Naar hoofdinhoud Naar footer

Deel deze pagina via:

Samenwerken tussen zorg en welzijn: wisselwerking levert maatwerk op

Gepubliceerd op: 29-05-2024

Voor mensen met dementie, hun mantelzorgers en netwerk is het ontzettend belangrijk dat breder gekeken wordt dan naar zorg alleen. Daarom geven we het thema ‘samenwerken tussen zorg en sociaal domein’ dit kwartaal extra aandacht. Twee voorbeelden uit de praktijk: Netwerk Ouderen in de Wijk in Den Bosch en omstreken en dorpscoöperatie Hollandscheveld Verbindt.

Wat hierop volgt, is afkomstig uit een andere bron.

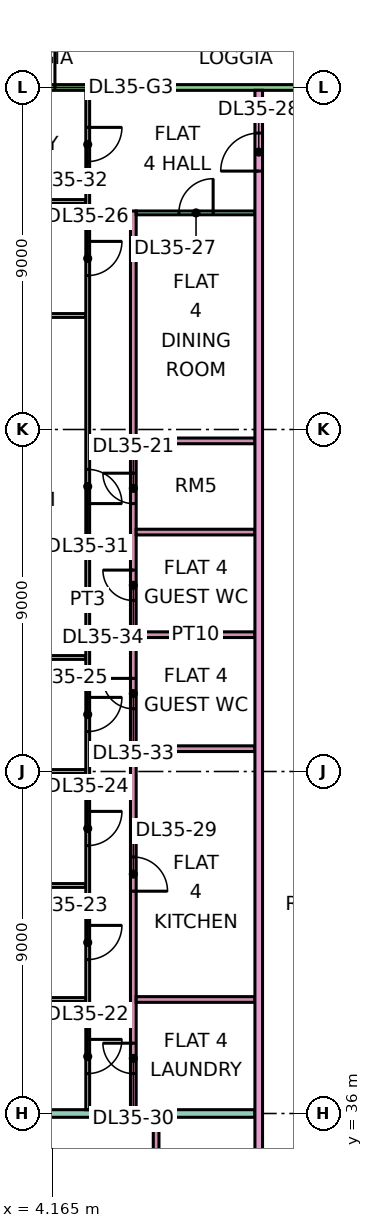
"""IFC4 building model, lengths in metres.
Left out: names, types, materials, properties, quantities, classifications, styles, units other than length and angle.
Written with IfcOpenShell. Run it as: python <this file> out.ifc"""

import sys

from ifc_helpers import new_model, si_unit, direction, frame, frame_2d, origin, place, context, subcontext, project, spatial, rectangle, extrude, element, fill, save


model = new_model("IFC4")
c1 = context("Model", 3, precision=1e-05, world=origin(), true_north=direction((0.0, 1.0)))
c2 = subcontext(c1, "Body", "Model", "MODEL_VIEW")
j1 = project(units=[si_unit("LENGTHUNIT", "METRE"), si_unit("PLANEANGLEUNIT", "RADIAN")], contexts=[c1])
p1 = place(None, origin())
s1 = spatial("IfcSite", under=j1, at=p1, CompositionType="ELEMENT")
p2 = place(p1, origin())
s2 = spatial("IfcBuilding", under=s1, at=p2, CompositionType="ELEMENT")
p3 = place(p2, frame((0.0, 0.0, 157.4)))
s3 = spatial("IfcBuildingStorey", under=s2, at=p3, CompositionType="ELEMENT", Elevation=157.4)
p4 = place(p3, frame((11.925, 63.0, 0.0), z_axis=(0.0, 0.0, 1.0), x_axis=(-1.0, 0.0, 0.0)))
e1 = element("IfcWall", 1, at=p4, inside=s3, PredefinedType="SOLIDWALL", context=c2, shape_type="SweptSolid", body=[
    extrude(rectangle(XDim=10.35, YDim=0.15, at=frame_2d((5.175, 0.0))), origin(), (0.0, 0.0, 1.0), 3.35),
])
p5 = place(p4, frame((7.688, 0.0, 0.0)))
e2 = element("IfcOpeningElement", 2, at=p5, cuts=e1, PredefinedType="OPENING", context=c2, shape_type="SweptSolid", body=[
    extrude(rectangle(XDim=1.8, YDim=2.4, at=frame_2d((0.9, 1.2))), frame((0.0, 0.085, 0.0), z_axis=(0.0, -1.0, 0.0), x_axis=(1.0, 0.0, 0.0)), (0.0, 0.0, 1.0), 0.17),
])
for number, where, z_axis, x_axis in (
    (3, (-1.351, 39.0, 0.0), (0.0, 0.0, 1.0), (1.0, 0.0, 0.0)),
    (4, (-1.351, 42.0, 0.0), (0.0, 0.0, 1.0), (1.0, 0.0, 0.0)),
    (5, (-1.351, 45.0, 0.0), (0.0, 0.0, 1.0), (1.0, 0.0, 0.0)),
):
    element("IfcWall", number, at=place(p3, frame(where, z_axis=z_axis, x_axis=x_axis)), inside=s3, PredefinedType="PARTITIONING", context=c2, shape_type="SweptSolid", body=[
        extrude(rectangle(XDim=6.401, YDim=0.1, at=frame_2d((3.201, 0.0))), origin(), (0.0, 0.0, 1.0), 3.35),
    ])
p6 = place(p3, frame((0.0, 36.0, 0.0), z_axis=(0.0, 0.0, 1.0), x_axis=(1.0, 0.0, 0.0)))
e6 = element("IfcWall", 6, at=p6, inside=s3, PredefinedType="PARTITIONING", context=c2, shape_type="SweptSolid", body=[
    extrude(rectangle(XDim=9.5, YDim=0.2, at=frame_2d((4.75, 0.0))), origin(), (0.0, 0.0, 1.0), 3.35),
])
p7 = place(p3, frame((0.0, 48.0, 0.0), z_axis=(0.0, 0.0, 1.0), x_axis=(1.0, 0.0, 0.0)))
e7 = element("IfcWall", 7, at=p7, inside=s3, PredefinedType="PARTITIONING", context=c2, shape_type="SweptSolid", body=[
    extrude(rectangle(XDim=5.05, YDim=0.1, at=frame_2d((2.525, 0.0))), origin(), (0.0, 0.0, 1.0), 3.35),
])
for number, where, z_axis, x_axis in (
    (8, (0.074, 57.0, 0.0), (0.0, 0.0, 1.0), (1.0, 0.0, 0.0)),
    (9, (0.074, 60.0, 0.0), (0.0, 0.0, 1.0), (1.0, 0.0, 0.0)),
):
    element("IfcWall", number, at=place(p3, frame(where, z_axis=z_axis, x_axis=x_axis)), inside=s3, PredefinedType="PARTITIONING", context=c2, shape_type="SweptSolid", body=[
        extrude(rectangle(XDim=4.976, YDim=0.1, at=frame_2d((2.488, 0.0))), origin(), (0.0, 0.0, 1.0), 3.35),
    ])
p8 = place(p3, frame((5.1, 36.1, 0.0), z_axis=(0.0, 0.0, 1.0), x_axis=(0.0, 1.0, 0.0)))
e10 = element("IfcWall", 10, at=p8, inside=s3, PredefinedType="PARTITIONING", context=c2, shape_type="SweptSolid", body=[
    extrude(rectangle(XDim=26.826, YDim=0.1, at=frame_2d((13.413, 0.0))), origin(), (0.0, 0.0, 1.0), 3.35),
])
p9 = place(p8, frame((0.95, 0.0, 0.0)))
e11 = element("IfcOpeningElement", 11, at=p9, cuts=e10, PredefinedType="OPENING", context=c2, shape_type="SweptSolid", body=[
    extrude(rectangle(XDim=0.9, YDim=2.1, at=frame_2d((0.45, 1.05))), frame((0.0, 0.06, 0.0), z_axis=(0.0, -1.0, 0.0), x_axis=(1.0, 0.0, 0.0)), (0.0, 0.0, 1.0), 0.12),
])
p10 = place(p8, frame((3.95, 0.0, 0.0)))
e12 = element("IfcOpeningElement", 12, at=p10, cuts=e10, PredefinedType="OPENING", context=c2, shape_type="SweptSolid", body=[
    extrude(rectangle(XDim=0.9, YDim=2.1, at=frame_2d((0.45, 1.05))), frame((0.0, 0.06, 0.0), z_axis=(0.0, -1.0, 0.0), x_axis=(1.0, 0.0, 0.0)), (0.0, 0.0, 1.0), 0.12),
])
p11 = place(p8, frame((6.95, 0.0, 0.0)))
e13 = element("IfcOpeningElement", 13, at=p11, cuts=e10, PredefinedType="OPENING", context=c2, shape_type="SweptSolid", body=[
    extrude(rectangle(XDim=0.9, YDim=2.1, at=frame_2d((0.45, 1.05))), frame((0.0, 0.06, 0.0), z_axis=(0.0, -1.0, 0.0), x_axis=(1.0, 0.0, 0.0)), (0.0, 0.0, 1.0), 0.12),
])
p12 = place(p8, frame((9.95, 0.0, 0.0)))
e14 = element("IfcOpeningElement", 14, at=p12, cuts=e10, PredefinedType="OPENING", context=c2, shape_type="SweptSolid", body=[
    extrude(rectangle(XDim=0.9, YDim=2.1, at=frame_2d((0.45, 1.05))), frame((0.0, 0.06, 0.0), z_axis=(0.0, -1.0, 0.0), x_axis=(1.0, 0.0, 0.0)), (0.0, 0.0, 1.0), 0.12),
])
p13 = place(p8, frame((21.95, 0.0, 0.0)))
e15 = element("IfcOpeningElement", 15, at=p13, cuts=e10, PredefinedType="OPENING", context=c2, shape_type="SweptSolid", body=[
    extrude(rectangle(XDim=0.9, YDim=2.1, at=frame_2d((0.45, 1.05))), frame((0.0, 0.06, 0.0), z_axis=(0.0, -1.0, 0.0), x_axis=(1.0, 0.0, 0.0)), (0.0, 0.0, 1.0), 0.12),
])
p14 = place(p8, frame((15.95, 0.0, 0.0)))
e16 = element("IfcOpeningElement", 16, at=p14, cuts=e10, PredefinedType="OPENING", context=c2, shape_type="SweptSolid", body=[
    extrude(rectangle(XDim=0.9, YDim=2.1, at=frame_2d((0.45, 1.05))), frame((0.0, 0.06, 0.0), z_axis=(0.0, -1.0, 0.0), x_axis=(1.0, 0.0, 0.0)), (0.0, 0.0, 1.0), 0.12),
])
p15 = place(p8, frame((24.95, 0.0, 0.0)))
e17 = element("IfcOpeningElement", 17, at=p15, cuts=e10, PredefinedType="OPENING", context=c2, shape_type="SweptSolid", body=[
    extrude(rectangle(XDim=0.9, YDim=2.1, at=frame_2d((0.45, 1.05))), frame((0.0, 0.06, 0.0), z_axis=(0.0, -1.0, 0.0), x_axis=(1.0, 0.0, 0.0)), (0.0, 0.0, 1.0), 0.12),
])
p16 = place(p3, frame((6.3, 36.1, 0.0), z_axis=(0.0, 0.0, 1.0), x_axis=(0.0, 1.0, 0.0)))
e18 = element("IfcWall", 18, at=p16, inside=s3, PredefinedType="PARTITIONING", context=c2, shape_type="SweptSolid", body=[
    extrude(rectangle(XDim=23.65, YDim=0.15, at=frame_2d((11.825, 0.0))), origin(), (0.0, 0.0, 1.0), 3.35),
])
p17 = place(p16, frame((15.95, 0.0, 0.0)))
e19 = element("IfcOpeningElement", 19, at=p17, cuts=e18, PredefinedType="OPENING", context=c2, shape_type="SweptSolid", body=[
    extrude(rectangle(XDim=0.8, YDim=2.1, at=frame_2d((0.4, 1.05))), frame((0.0, 0.085, 0.0), z_axis=(0.0, -1.0, 0.0), x_axis=(1.0, 0.0, 0.0)), (0.0, 0.0, 1.0), 0.17),
])
p18 = place(p16, frame((5.75, 0.0, 0.0)))
e20 = element("IfcOpeningElement", 20, at=p18, cuts=e18, PredefinedType="OPENING", context=c2, shape_type="SweptSolid", body=[
    extrude(rectangle(XDim=0.9, YDim=2.1, at=frame_2d((0.45, 1.05))), frame((0.0, 0.085, 0.0), z_axis=(0.0, -1.0, 0.0), x_axis=(1.0, 0.0, 0.0)), (0.0, 0.0, 1.0), 0.17),
])
p19 = place(p16, frame((0.95, 0.0, 0.0)))
e21 = element("IfcOpeningElement", 21, at=p19, cuts=e18, PredefinedType="OPENING", context=c2, shape_type="SweptSolid", body=[
    extrude(rectangle(XDim=0.8, YDim=2.1, at=frame_2d((0.4, 1.05))), frame((0.0, 0.085, 0.0), z_axis=(0.0, -1.0, 0.0), x_axis=(1.0, 0.0, 0.0)), (0.0, 0.0, 1.0), 0.17),
])
p20 = place(p16, frame((10.55, 0.0, 0.0)))
e22 = element("IfcOpeningElement", 22, at=p20, cuts=e18, PredefinedType="OPENING", context=c2, shape_type="SweptSolid", body=[
    extrude(rectangle(XDim=0.8, YDim=2.1, at=frame_2d((0.4, 1.05))), frame((0.0, 0.085, 0.0), z_axis=(0.0, -1.0, 0.0), x_axis=(1.0, 0.0, 0.0)), (0.0, 0.0, 1.0), 0.17),
])
p21 = place(p16, frame((13.4, 0.0, 0.0)))
e23 = element("IfcOpeningElement", 23, at=p21, cuts=e18, PredefinedType="OPENING", context=c2, shape_type="SweptSolid", body=[
    extrude(rectangle(XDim=0.8, YDim=2.1, at=frame_2d((0.4, 1.05))), frame((0.0, 0.085, 0.0), z_axis=(0.0, -1.0, 0.0), x_axis=(1.0, 0.0, 0.0)), (0.0, 0.0, 1.0), 0.17),
])
for number, where, z_axis, x_axis in (
    (24, (6.375, 39.0, 0.0), (0.0, 0.0, 1.0), (1.0, 0.0, 0.0)),
    (25, (6.375, 45.6, 0.0), (0.0, 0.0, 1.0), (1.0, 0.0, 0.0)),
    (26, (6.375, 48.6, 0.0), (0.0, 0.0, 1.0), (1.0, 0.0, 0.0)),
    (27, (6.375, 51.3, 0.0), (0.0, 0.0, 1.0), (1.0, 0.0, 0.0)),
    (28, (6.375, 53.7, 0.0), (0.0, 0.0, 1.0), (1.0, 0.0, 0.0)),
):
    element("IfcWall", number, at=place(p3, frame(where, z_axis=z_axis, x_axis=x_axis)), inside=s3, PredefinedType="PARTITIONING", context=c2, shape_type="SweptSolid", body=[
        extrude(rectangle(XDim=3.125, YDim=0.15, at=frame_2d((1.562, 0.0))), origin(), (0.0, 0.0, 1.0), 3.35),
    ])
p22 = place(p3, frame((6.375, 59.7, 0.0), z_axis=(0.0, 0.0, 1.0), x_axis=(1.0, 0.0, 0.0)))
e29 = element("IfcWall", 29, at=p22, inside=s3, PredefinedType="PARTITIONING", context=c2, shape_type="SweptSolid", body=[
    extrude(rectangle(XDim=3.125, YDim=0.1, at=frame_2d((1.562, 0.0))), origin(), (0.0, 0.0, 1.0), 3.35),
])
p23 = place(p22, frame((1.125, 0.0, 0.0)))
e30 = element("IfcOpeningElement", 30, at=p23, cuts=e29, PredefinedType="OPENING", context=c2, shape_type="SweptSolid", body=[
    extrude(rectangle(XDim=0.9, YDim=2.1, at=frame_2d((0.45, 1.05))), frame((0.0, 0.06, 0.0), z_axis=(0.0, -1.0, 0.0), x_axis=(1.0, 0.0, 0.0)), (0.0, 0.0, 1.0), 0.12),
])
p24 = place(p3, frame((6.9, 29.325, 0.0), z_axis=(0.0, 0.0, 1.0), x_axis=(0.0, 1.0, 0.0)))
e31 = element("IfcWall", 31, at=p24, inside=s3, PredefinedType="PARTITIONING", context=c2, shape_type="SweptSolid", body=[
    extrude(rectangle(XDim=6.575, YDim=0.15, at=frame_2d((3.288, 0.0))), origin(), (0.0, 0.0, 1.0), 3.35),
])
p25 = place(p24, frame((4.575, 0.0, 0.0)))
e32 = element("IfcOpeningElement", 32, at=p25, cuts=e31, PredefinedType="OPENING", context=c2, shape_type="SweptSolid", body=[
    extrude(rectangle(XDim=0.9, YDim=2.1, at=frame_2d((0.45, 1.05))), frame((0.0, 0.085, 0.0), z_axis=(0.0, -1.0, 0.0), x_axis=(1.0, 0.0, 0.0)), (0.0, 0.0, 1.0), 0.17),
])
p26 = place(p3, frame((9.6, 20.0, 0.0), z_axis=(0.0, 0.0, 1.0), x_axis=(0.0, 1.0, 0.0)))
e33 = element("IfcWall", 33, at=p26, inside=s3, PredefinedType="PARTITIONING", context=c2, shape_type="SweptSolid", body=[
    extrude(rectangle(XDim=42.926, YDim=0.2, at=frame_2d((21.463, 0.0))), origin(), (0.0, 0.0, 1.0), 3.35),
])
p27 = place(p26, frame((40.8, 0.0, 0.0)))
e34 = element("IfcOpeningElement", 34, at=p27, cuts=e33, PredefinedType="OPENING", context=c2, shape_type="SweptSolid", body=[
    extrude(rectangle(XDim=1.0, YDim=2.1, at=frame_2d((0.5, 1.05))), frame((0.0, 0.11, 0.0), z_axis=(0.0, -1.0, 0.0), x_axis=(1.0, 0.0, 0.0)), (0.0, 0.0, 1.0), 0.22),
])
p28 = place(p26, frame((0.6, 0.0, 0.0)))
e35 = element("IfcOpeningElement", 35, at=p28, cuts=e33, PredefinedType="OPENING", context=c2, shape_type="SweptSolid", body=[
    extrude(rectangle(XDim=1.2, YDim=2.1, at=frame_2d((0.6, 1.05))), frame((0.0, 0.11, 0.0), z_axis=(0.0, -1.0, 0.0), x_axis=(1.0, 0.0, 0.0)), (0.0, 0.0, 1.0), 0.22),
])
p29 = place(p26, frame((3.9, 0.0, 0.0)))
e36 = element("IfcOpeningElement", 36, at=p29, cuts=e33, PredefinedType="OPENING", context=c2, shape_type="SweptSolid", body=[
    extrude(rectangle(XDim=1.0, YDim=2.1, at=frame_2d((0.5, 1.05))), frame((0.0, 0.11, 0.0), z_axis=(0.0, -1.0, 0.0), x_axis=(1.0, 0.0, 0.0)), (0.0, 0.0, 1.0), 0.22),
])
p30 = place(p5, frame((1.8, 0.0, 0.0), z_axis=(0.0, 0.0, 1.0), x_axis=(-1.0, 0.0, 0.0)))
e37 = element("IfcDoor", 37, at=p30, inside=s3, OperationType="DOUBLE_DOOR_SINGLE_SWING", PredefinedType="DOOR", context=c2, shape_type="SweptSolid", body=[
    extrude(rectangle(XDim=1.8, YDim=2.4, at=frame_2d((0.9, 1.2))), frame((0.0, 0.025, 0.0), z_axis=(0.0, -1.0, 0.0), x_axis=(1.0, 0.0, 0.0)), (0.0, 0.0, 1.0), 0.05),
])
fill(e2, e37)
p31 = place(p17, frame((0.8, 0.0, 0.0), z_axis=(0.0, 0.0, 1.0), x_axis=(-1.0, 0.0, 0.0)))
e38 = element("IfcDoor", 38, at=p31, inside=s3, OperationType="SINGLE_SWING_RIGHT", PredefinedType="DOOR", context=c2, shape_type="SweptSolid", body=[
    extrude(rectangle(XDim=0.8, YDim=2.1, at=frame_2d((0.4, 1.05))), frame((0.0, 0.025, 0.0), z_axis=(0.0, -1.0, 0.0), x_axis=(1.0, 0.0, 0.0)), (0.0, 0.0, 1.0), 0.05),
])
fill(e19, e38)
p32 = place(p9, origin())
e39 = element("IfcDoor", 39, at=p32, inside=s3, OperationType="SINGLE_SWING_RIGHT", PredefinedType="DOOR", context=c2, shape_type="SweptSolid", body=[
    extrude(rectangle(XDim=0.9, YDim=2.1, at=frame_2d((0.45, 1.05))), frame((0.0, 0.025, 0.0), z_axis=(0.0, -1.0, 0.0), x_axis=(1.0, 0.0, 0.0)), (0.0, 0.0, 1.0), 0.05),
])
fill(e11, e39)
p33 = place(p10, origin())
e40 = element("IfcDoor", 40, at=p33, inside=s3, OperationType="SINGLE_SWING_RIGHT", PredefinedType="DOOR", context=c2, shape_type="SweptSolid", body=[
    extrude(rectangle(XDim=0.9, YDim=2.1, at=frame_2d((0.45, 1.05))), frame((0.0, 0.025, 0.0), z_axis=(0.0, -1.0, 0.0), x_axis=(1.0, 0.0, 0.0)), (0.0, 0.0, 1.0), 0.05),
])
fill(e12, e40)
p34 = place(p11, origin())
e41 = element("IfcDoor", 41, at=p34, inside=s3, OperationType="SINGLE_SWING_RIGHT", PredefinedType="DOOR", context=c2, shape_type="SweptSolid", body=[
    extrude(rectangle(XDim=0.9, YDim=2.1, at=frame_2d((0.45, 1.05))), frame((0.0, 0.025, 0.0), z_axis=(0.0, -1.0, 0.0), x_axis=(1.0, 0.0, 0.0)), (0.0, 0.0, 1.0), 0.05),
])
fill(e13, e41)
p35 = place(p12, origin())
e42 = element("IfcDoor", 42, at=p35, inside=s3, OperationType="SINGLE_SWING_RIGHT", PredefinedType="DOOR", context=c2, shape_type="SweptSolid", body=[
    extrude(rectangle(XDim=0.9, YDim=2.1, at=frame_2d((0.45, 1.05))), frame((0.0, 0.025, 0.0), z_axis=(0.0, -1.0, 0.0), x_axis=(1.0, 0.0, 0.0)), (0.0, 0.0, 1.0), 0.05),
])
fill(e14, e42)
p36 = place(p13, origin())
e43 = element("IfcDoor", 43, at=p36, inside=s3, OperationType="SINGLE_SWING_RIGHT", PredefinedType="DOOR", context=c2, shape_type="SweptSolid", body=[
    extrude(rectangle(XDim=0.9, YDim=2.1, at=frame_2d((0.45, 1.05))), frame((0.0, 0.025, 0.0), z_axis=(0.0, -1.0, 0.0), x_axis=(1.0, 0.0, 0.0)), (0.0, 0.0, 1.0), 0.05),
])
fill(e15, e43)
p37 = place(p23, frame((0.9, 0.0, 0.0), z_axis=(0.0, 0.0, 1.0), x_axis=(-1.0, 0.0, 0.0)))
e44 = element("IfcDoor", 44, at=p37, inside=s3, OperationType="SINGLE_SWING_RIGHT", PredefinedType="DOOR", context=c2, shape_type="SweptSolid", body=[
    extrude(rectangle(XDim=0.9, YDim=2.1, at=frame_2d((0.45, 1.05))), frame((0.0, 0.025, 0.0), z_axis=(0.0, -1.0, 0.0), x_axis=(1.0, 0.0, 0.0)), (0.0, 0.0, 1.0), 0.05),
])
fill(e30, e44)
p38 = place(p27, origin())
e45 = element("IfcDoor", 45, at=p38, inside=s3, OperationType="SINGLE_SWING_LEFT", PredefinedType="DOOR", context=c2, shape_type="SweptSolid", body=[
    extrude(rectangle(XDim=1.0, YDim=2.1, at=frame_2d((0.5, 1.05))), frame((0.0, 0.025, 0.0), z_axis=(0.0, -1.0, 0.0), x_axis=(1.0, 0.0, 0.0)), (0.0, 0.0, 1.0), 0.05),
])
fill(e34, e45)
p39 = place(p18, frame((0.9, 0.0, 0.0), z_axis=(0.0, 0.0, 1.0), x_axis=(-1.0, 0.0, 0.0)))
e46 = element("IfcDoor", 46, at=p39, inside=s3, OperationType="SINGLE_SWING_LEFT", PredefinedType="DOOR", context=c2, shape_type="SweptSolid", body=[
    extrude(rectangle(XDim=0.9, YDim=2.1, at=frame_2d((0.45, 1.05))), frame((0.0, 0.025, 0.0), z_axis=(0.0, -1.0, 0.0), x_axis=(1.0, 0.0, 0.0)), (0.0, 0.0, 1.0), 0.05),
])
fill(e20, e46)
p40 = place(p19, frame((0.8, 0.0, 0.0), z_axis=(0.0, 0.0, 1.0), x_axis=(-1.0, 0.0, 0.0)))
e47 = element("IfcDoor", 47, at=p40, inside=s3, OperationType="SINGLE_SWING_RIGHT", PredefinedType="DOOR", context=c2, shape_type="SweptSolid", body=[
    extrude(rectangle(XDim=0.8, YDim=2.1, at=frame_2d((0.4, 1.05))), frame((0.0, 0.025, 0.0), z_axis=(0.0, -1.0, 0.0), x_axis=(1.0, 0.0, 0.0)), (0.0, 0.0, 1.0), 0.05),
])
fill(e21, e47)
p41 = place(p14, frame((0.9, 0.0, 0.0), z_axis=(0.0, 0.0, 1.0), x_axis=(-1.0, 0.0, 0.0)))
e48 = element("IfcDoor", 48, at=p41, inside=s3, OperationType="SINGLE_SWING_LEFT", PredefinedType="DOOR", context=c2, shape_type="SweptSolid", body=[
    extrude(rectangle(XDim=0.9, YDim=2.1, at=frame_2d((0.45, 1.05))), frame((0.0, 0.025, 0.0), z_axis=(0.0, -1.0, 0.0), x_axis=(1.0, 0.0, 0.0)), (0.0, 0.0, 1.0), 0.05),
])
fill(e16, e48)
p42 = place(p15, origin())
e49 = element("IfcDoor", 49, at=p42, inside=s3, OperationType="SINGLE_SWING_RIGHT", PredefinedType="DOOR", context=c2, shape_type="SweptSolid", body=[
    extrude(rectangle(XDim=0.9, YDim=2.1, at=frame_2d((0.45, 1.05))), frame((0.0, 0.025, 0.0), z_axis=(0.0, -1.0, 0.0), x_axis=(1.0, 0.0, 0.0)), (0.0, 0.0, 1.0), 0.05),
])
fill(e17, e49)
p43 = place(p20, frame((0.8, 0.0, 0.0), z_axis=(0.0, 0.0, 1.0), x_axis=(-1.0, 0.0, 0.0)))
e50 = element("IfcDoor", 50, at=p43, inside=s3, OperationType="SINGLE_SWING_RIGHT", PredefinedType="DOOR", context=c2, shape_type="SweptSolid", body=[
    extrude(rectangle(XDim=0.8, YDim=2.1, at=frame_2d((0.4, 1.05))), frame((0.0, 0.025, 0.0), z_axis=(0.0, -1.0, 0.0), x_axis=(1.0, 0.0, 0.0)), (0.0, 0.0, 1.0), 0.05),
])
fill(e22, e50)
p44 = place(p21, frame((0.8, 0.0, 0.0), z_axis=(0.0, 0.0, 1.0), x_axis=(-1.0, 0.0, 0.0)))
e51 = element("IfcDoor", 51, at=p44, inside=s3, OperationType="SINGLE_SWING_RIGHT", PredefinedType="DOOR", context=c2, shape_type="SweptSolid", body=[
    extrude(rectangle(XDim=0.8, YDim=2.1, at=frame_2d((0.4, 1.05))), frame((0.0, 0.025, 0.0), z_axis=(0.0, -1.0, 0.0), x_axis=(1.0, 0.0, 0.0)), (0.0, 0.0, 1.0), 0.05),
])
fill(e23, e51)
save(model, sys.argv[1])

Erna van der Molen is dorpsregisseur bij de dorpscoöperatie Hollandscheveld Verbindt. In het Drentse dorp met vijfduizend inwoners is de coöperatie van groot belang voor goed afgestemde zorg en ondersteuning. ‘Waar formele zorg ophoudt, begint de informele zorg. En andersom. We kijken naar wat nodig is, niet in de eerste plaats naar de regels.’ Erna is namens de gemeente Hoogeveen onder meer verantwoordelijk voor de Wmo-indicaties. Ze werkt intensief samen met Tineke Massier, wijkverpleegkundige, casemanager dementie en ‘maotwerker’. Net als met de sociale wijkteams, bestaande uit onder andere de wijkagent, het maatschappelijk werk en de woningcorporatie. En: met tachtig à honderd vrijwilligers. ‘Zij zorgen voor mantelzorgondersteuning, vervoer, allerlei hand- en spandiensten.’

Zichtbaar zijn

Zichtbaarheid is belangrijk, weten Erna en Tineke. Erna is vaak te vinden in Dorpscentrum ’t Anker waar veel bewoners deelnemen aan activiteiten. Tineke: ‘Dat persoonlijke contact is cruciaal. Ik bel zo min mogelijk. Ik loop liever even naar de apotheek als de medicatie van iemand op is. Door elkaar te kennen praat het gemakkelijker en verlaag je de drempel. Dan laat de apotheek het mij ook weten als hen iets opvalt. Zo krijg je een wisselwerking en vroegsignalering.’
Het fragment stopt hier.